Finding balance before you fall
In the long run, taking a relationship less seriously may blossom into rather beautiful outcomes
Remember the dialogues from the movie Serendipity?
"You just have to have faith.''
"Faith in what?"
"Destiny."
Often we get into relationships obsessing with expectations in our heads. The initial spark of romance is unavoidable, of course. A constant presence of love hormones would fill your heart.
In the long run, taking a relationship less seriously may blossom into rather beautiful outcomes.
Few expert opinions for the lovebirds on how not to be too serious about your current love interest, so that it grows naturally to be the healthiest of any relationship.
Baby steps, baby steps
Have a gentle and relaxed first approach. Scrap all the unrealistic relationship desires from your head. The respective other may turn out to be a very different person from the picture you painted in your mind. Or it may create a surprisingly beautiful chemistry.
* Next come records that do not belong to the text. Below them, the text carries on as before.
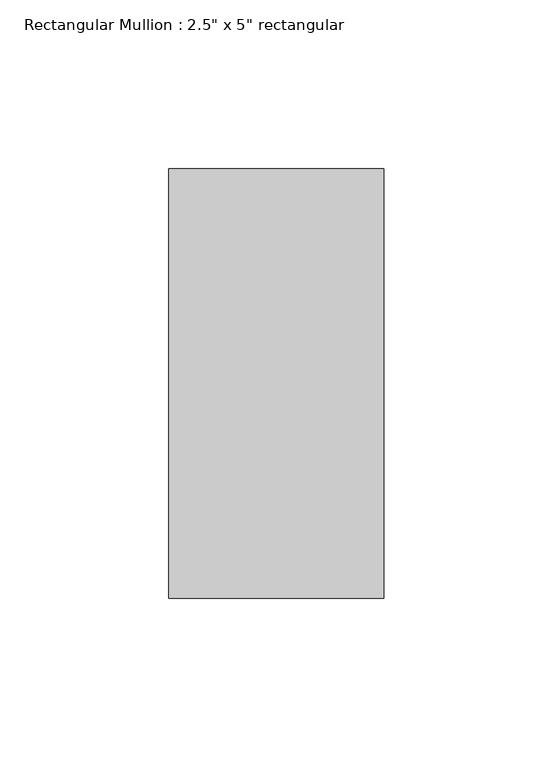
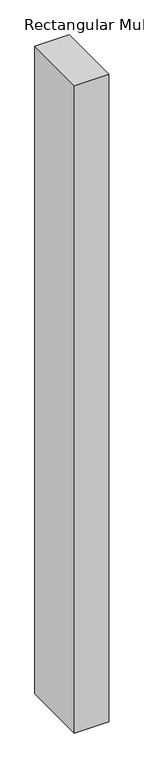
"""IFC4 building model written with IfcOpenShell, lengths in millimetres: member geometry."""

from ifc_helpers import new_model, si_unit, frame, origin, place, context, project, spatial, polyline, outline, extrude, source, transform, mapped, element, save


def member_d6537dc6(model_context):
    return source(origin(), model_context, "Body", "SweptSolid", [
        extrude(outline(polyline([(0.0, 63.5), (0.0, -63.5), (-63.5, -63.5), (-63.5, 63.5), (0.0, 63.5)])), frame((0.0, 0.0, -1269.895932), z_axis=(0.0, 0.0, 1.0), x_axis=(1.0, 0.0, 0.0)), (0.0, 0.0, 1.0), 1269.895932),
    ])


if __name__ == "__main__":
    model = new_model("IFC4")
    model_context = context("Model", 3, world=origin())
    ifc_project = project(units=[si_unit("LENGTHUNIT", "METRE", prefix="MILLI")], contexts=[model_context])
    site = spatial("IfcSite", under=ifc_project)
    building = spatial("IfcBuilding", under=site)
    placement = place(None, origin())
    member_shape = member_d6537dc6(model_context)
    element("IfcMember", 1, ObjectType="Rectangular Mullion : 2.5\" x 5\" rectangular", at=placement, inside=building, context=model_context, shape_type="MappedRepresentation", body=[
        mapped(member_shape, transform((0.0, 0.0, 0.0), x_axis=(1.0, 0.0, 0.0), y_axis=(0.0, 1.0, 0.0), z_axis=(0.0, 0.0, 1.0))),
    ])
    save(model, "model.ifc")

# Revit data of these elements
# Type "Rectangular Mullion : 2.5\" x 5\" rectangular"
#   built-in parameter 1007304 = 0.416667 (stored number, unit not read)
#   built-in parameter 1007301 = 0.104167 (stored number, unit not read)
#   built-in parameter 1007300 = 0.104167 (stored number, unit not read)
# Element 1 (IfcMember, "Rectangular Mullion : 2.5\" x 5\" rectangular")
#   Materials on its faces: "Aluminum"
# Materials
#   "Aluminum": class "Metal", colour RGB 247 247 247, transparency 0, Description = "Aluminum 6061", Cost = 0
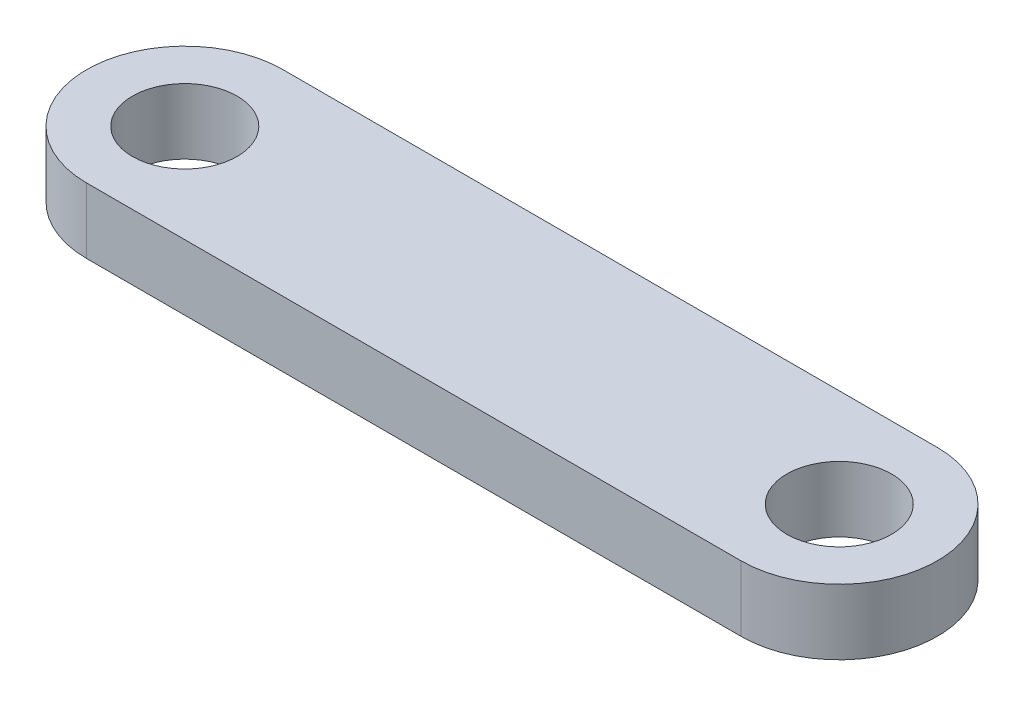
from build123d import *

# Parameters (mm, degrees)
LINK_PLATE_DEPTH     = 2.5
PIN_HOLES_SKETCH_R   = 4
PIN_HOLES_2X_8_DEPTH = 2.5


with BuildPart() as part:
    # Link Profile Sketch → Link Plate (new, symmetric)
    with BuildSketch(Plane(origin=(0, 0, 0), x_dir=(1, 0, 0), z_dir=(0, 1, 0))):
        with BuildLine():
            Line((-25, 7.5), (25, 7.5))
            ThreePointArc((25, 7.5), (32.5, 0), (25, -7.5))
            Line((25, -7.5), (-25, -7.5))
            ThreePointArc((-25, -7.5), (-32.5, 0), (-25, 7.5))
        make_face()
    extrude(amount=LINK_PLATE_DEPTH, both=True)

    # Pin Holes Sketch → Pin Holes 2xØ8 (cut, symmetric)
    with BuildSketch(Plane(origin=(0, 0, 0), x_dir=(1, 0, 0), z_dir=(0, 1, 0))):
        with Locations(Location((-25, 0, 0), (0, 0, 270))):
            Circle(PIN_HOLES_SKETCH_R)
        with Locations(Location((25, 0, 0), (0, 0, 270))):
            Circle(PIN_HOLES_SKETCH_R)
    extrude(amount=PIN_HOLES_2X_8_DEPTH, both=True, mode=Mode.SUBTRACT)


solid = part.part

Go on a few dates, and see how things turn out. No hurry!
The best plan is to have no plan
Save yourself from having a long-term plan, it is wise not to risk putting yourself in an emotional gamble. Once you take a relationship lightly—free from expectations, you get to know the real person organically.
Going on adventurous dates, cracking jokes, and sometimes just sharing meaningful silence— relish your own space as well as each other's company. The idea is to focus more on the fun part keeping aside the complications.
Too serious too soon?
When someone is too involved, sometimes they unconsciously make a lot of compromises on their personal comfort on account of that. This sort of seriousness results in bitterness in the long term. Unresolved resentment is a red flag and narrows down the scope of any relationship.
Getting too serious too soon is also a sign of looking for acceptance from the relationship. That would only entertain the idea of obsessing over a partner or an alliance.
Breathe in, breathe out
Loosening up and taking things lightly while still holding on to the commitment is a way of letting the relationship breathe. Couples fall in love, they create moments, fight and patch up. And sometimes, when things go wrong, people also fall out of love. The whole process is spontaneous.
Despite everything, life goes on. Flow with your own emotions without looking for an exit, closures are also spontaneous.
Like G.K Chesterton said in his book, "The reason angels can fly is because they take themselves lightly."
If someone is meant for you, or in other words, written in your destiny, you would meet again and again, in many excuses. Taking the feelings lightly and accepting its unsure consequences would only let you fly.